EDIT: Another thing you might consider while choosing between poetry2nix and mach-nix is how extra (non-python) dependencies are handled. Mach-nix takes that information from nixpkgs, while poetry2nix provides it’s own set of overrides. Since i never used poetry2nix so far i cannot make a statement about what works better.

adisbladis · May 5, 2020, 10:20am

Also you might prefer the dependency resolution of mach-nix over the one from poetry, because it allows you to build from source instead of wheels.

This is wrong. Poetry2nix builds from sources (sdist) by default but allows you to opt-in to prefering wheels, either on a granular per-package basis or for the whole build (the latter is on poetry2nix master but not in a release).

Mach-nix takes that information from nixpkgs, while poetry2nix provides it’s own set of overrides.

It’s pretty much impossible to solve an environment correctly and picking packages from nixpkgs at the same time.
I don’t think you can make a python2nix solution without making your own override overlay (or re-use the one from poetry2nix).

Poetry2nix falls back on nixpkgs in some very limited cases, mainly around pyproject.toml build-system but also in some cases where a dependency specification from upstream was incomplete and we supplement the graph via an override.

DavHau · May 5, 2020, 11:00am

I should have taken a closer look at your tool before doing such statement. Thanks for correcting

Then I either solved the impossible or my tool is horribly broken . Why do you think it doesn’t work?

I don’t really ‘pick’ python packages from nixpkgs, without modifying them, btw. Mach-nix generates an overlay over the existing python packages in nixpkgs which replaces sources to upgrade versions, adds missing python build inputs, or generates completely new python packages in case a package doesn’t exist at all. I must mention, it needed some extra tweaks to prevent package collisions which are very likely otherwise.
Of course, if you require a very recent version of some py-package which needs non-python build inputs which are not defined in nixpkgs for that package, then mach-nix will fail. But those are rare cases i think. Still they might need to be fixed it the future to gain full compatibility.

I would love to hear your opinion about it.
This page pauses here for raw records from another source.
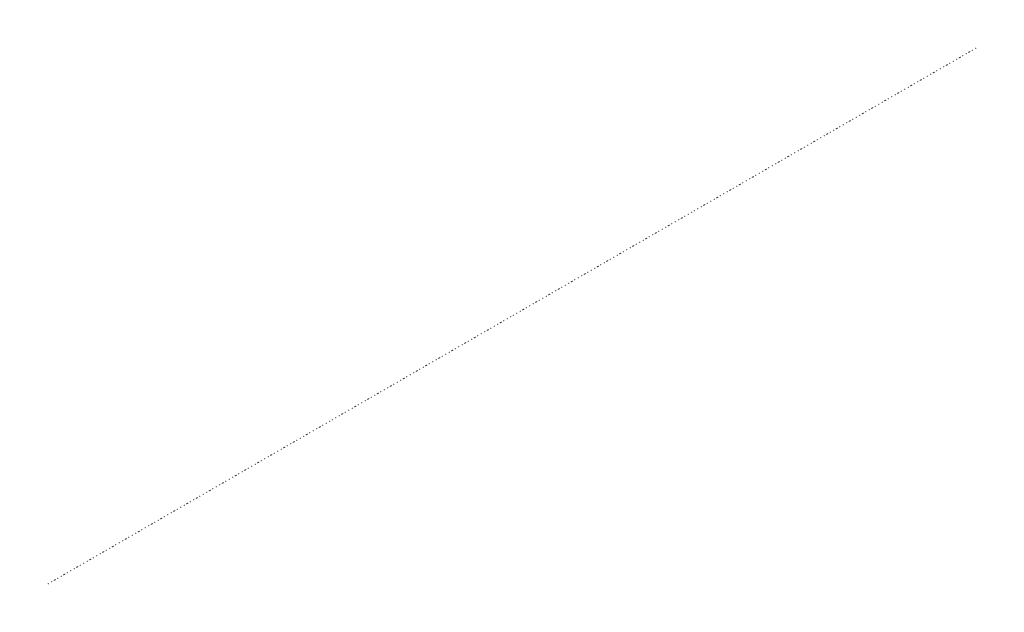
from build123d import *

# Parameters (mm, degrees)
SKETCH1_R           = 0.0625
BOSS_EXTRUDE1_DEPTH = 1900


with BuildPart() as part:
    # Sketch1 → Boss-Extrude1 (new body)
    with BuildSketch(Plane.XY):
        Circle(SKETCH1_R)
    extrude(amount=BOSS_EXTRUDE1_DEPTH)


solid = part.part
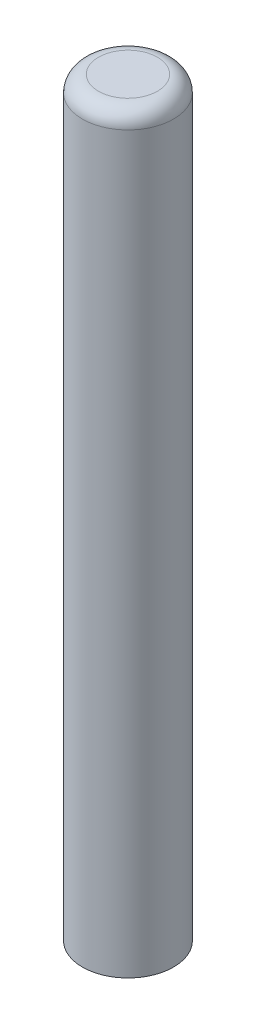
SolidWorks part; units mm, degrees
ref_plane "Front Plane" through (0, 0, 0) normal (0, 0, 1) x (1, 0, 0)
ref_plane "Top Plane" through (0, 0, 0) normal (0, 1, 0) x (1, 0, 0)
ref_plane "Right Plane" through (0, 0, 0) normal (1, 0, 0) x (0, 0, -1)
sketch "Sketch1" plane through (0, 0, 0) normal (0, 1, 0) x (1, 0, 0)
  circle A0 centre (0, 0) radius 4.25
extrude "Boss-Extrude1" add sketch "Sketch1" along normal blind 70
fillet "Fillet1" radius 1.5 1 edges at (0, 70, 4.25)
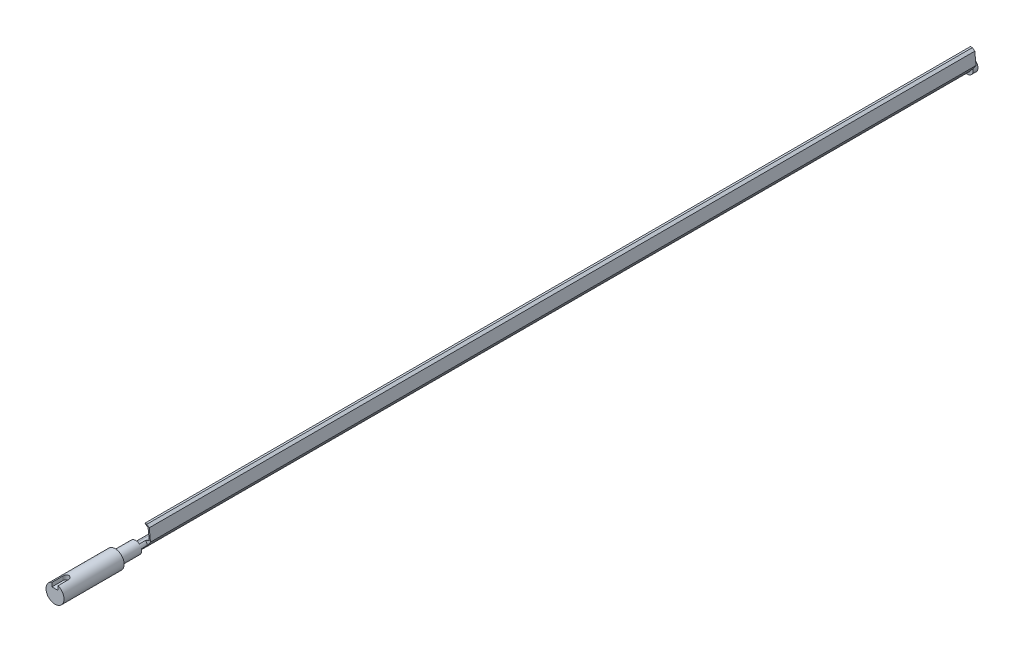
from build123d import *

# Parameters (mm, degrees)
SKETCH1_R           = 100
BOSS_EXTRUDE1_DEPTH = 340
BOSS_EXTRUDE2_DEPTH = 13824
BOSS_EXTRUDE3_START = 80
SKETCH3_R           = 100
BOSS_EXTRUDE3_DEPTH = 80
CUT_EXTRUDE1_START  = -100
CUT_EXTRUDE1_DEPTH  = 100
SKETCH6_R           = 150
BOSS_EXTRUDE5_DEPTH = 1000
CUT_EXTRUDE2_DEPTH  = 326
BOSS_EXTRUDE6_DEPTH = 75


with BuildPart() as part:
    # Sketch1 → Boss-Extrude1 (new body)
    with BuildSketch(Plane.XY):
        Circle(SKETCH1_R)
    extrude(amount=BOSS_EXTRUDE1_DEPTH)

    # Sketch2 → Boss-Extrude2 (add)
    with BuildSketch(Plane(origin=(0, 0, 0), x_dir=(-1, 0, 0), z_dir=(0, 0, -1))):
        with BuildLine():
            Line((-96.233395069, 27.187012957), (-146.428749083, 97.201990132))
            Line((-146.428749083, 97.201990132), (-127.238656611, 294.943377783))
            Line((-127.238656611, 294.943377783), (-85.855376139, 324.612007229))
            Line((-85.855376139, 324.612007229), (-53.815694107, 324.612007229))
            Line((-53.815694107, 324.612007229), (-69.835535123, 313.127013254))
            Line((-69.835535123, 313.127013254), (-106.547016375, 286.807704556))
            Line((-106.547016375, 286.807704556), (-127.238656611, 110.959810588))
            Line((-127.238656611, 110.959810588), (-61.825614615, 78.597667761))
            Line((-61.825614615, 78.597667761), (0, 58.675035722))
            ThreePointArc((0, 58.675035722), (51.995426196, -27.188885075), (-48.18736452, -33.477421012))
            Line((-48.18736452, -33.477421012), (-96.233395069, 27.187012957))
        make_face()
    extrude(amount=BOSS_EXTRUDE2_DEPTH)

    # Sketch3 → Boss-Extrude3 (add)
    with BuildSketch(Plane(origin=(0, 0, -13824), x_dir=(-1, 0, 0), z_dir=(0, 0, -1)).offset(BOSS_EXTRUDE3_START)):
        with Locations(Location((0, 0, 0), (0, 0, 128.188900559))):
            Circle(SKETCH3_R)
    extrude(amount=-BOSS_EXTRUDE3_DEPTH)

    # Sketch4 → Cut-Extrude1 (cut)
    with BuildSketch(Plane.XY.offset(CUT_EXTRUDE1_START)):
        with BuildLine():
            Line((96.233395069, 27.187012957), (146.428749083, 97.201990132))
            Line((146.428749083, 97.201990132), (127.238656611, 294.943377783))
            Line((127.238656611, 294.943377783), (85.855376139, 324.612007229))
            Line((85.855376139, 324.612007229), (53.815694107, 324.612007229))
            Line((53.815694107, 324.612007229), (106.547016375, 286.807704556))
            Line((106.547016375, 286.807704556), (127.238656611, 110.959810588))
            Line((127.238656611, 110.959810588), (61.825614615, 78.597667761))
            ThreePointArc((61.825614615, 78.597667761), (83.104912565, 55.619902082), (96.233395069, 27.187012957))
        make_face()
    extrude(amount=CUT_EXTRUDE1_DEPTH, mode=Mode.SUBTRACT)

    # Sketch6 → Boss-Extrude5 (add)
    with BuildSketch(Plane.XY.offset(340)):
        Circle(SKETCH6_R)
    extrude(amount=BOSS_EXTRUDE5_DEPTH)

    # Sketch7 → Cut-Extrude2 (cut)
    with BuildSketch(Plane(origin=(0, 0, 0), x_dir=(1, 0, 0), z_dir=(0, 1, 0))):
        with BuildLine():
            Line((50, -1160), (50, -1460))
            ThreePointArc((50, -1460), (0, -1510), (-50, -1460))
            Line((-50, -1460), (-50, -1160))
            ThreePointArc((-50, -1160), (0, -1110), (50, -1160))
        make_face()
    extrude(amount=CUT_EXTRUDE2_DEPTH, mode=Mode.SUBTRACT)

    # Sketch8 → Boss-Extrude6 (add)
    with BuildSketch(Plane(origin=(0, 0, 0), x_dir=(1, 0, 0), z_dir=(0, 1, 0))):
        with BuildLine():
            Line((-50, -1160), (-50, -1340))
            Line((-50, -1340), (50, -1340))
            Line((50, -1340), (50, -1160))
            ThreePointArc((50, -1160), (0, -1110), (-50, -1160))
        make_face()
    extrude(amount=BOSS_EXTRUDE6_DEPTH)


solid = part.part

I’m sure i can benefit from your experiences.

FRidh · May 5, 2020, 5:47pm

We really need to improve the Python builder to either require separate arguments for Python and non-Python packages, or perform the splitting in the builder (this can be done but seems backward) and offer attributes in the passthru for each.

Given the poetry2nix overrides are basically taken as-is from Nixpkgs I disagree. You could override the Nixpkgs expressions, and just extend dependencies to be at the safe side, taking deps from both Nixpkgs and your tool. It’s ugly, causing you at times to have more deps than strictly needed, but it is possible.

The question is of course what to do with other custom things, like patches. But this you will never get correct because its so version-dependent. Of course tests should be disabled as well. Makes me wonder if that would be a good idea for poetry2nix, instead of bundling its own default overrides. That would avoid duplicate work.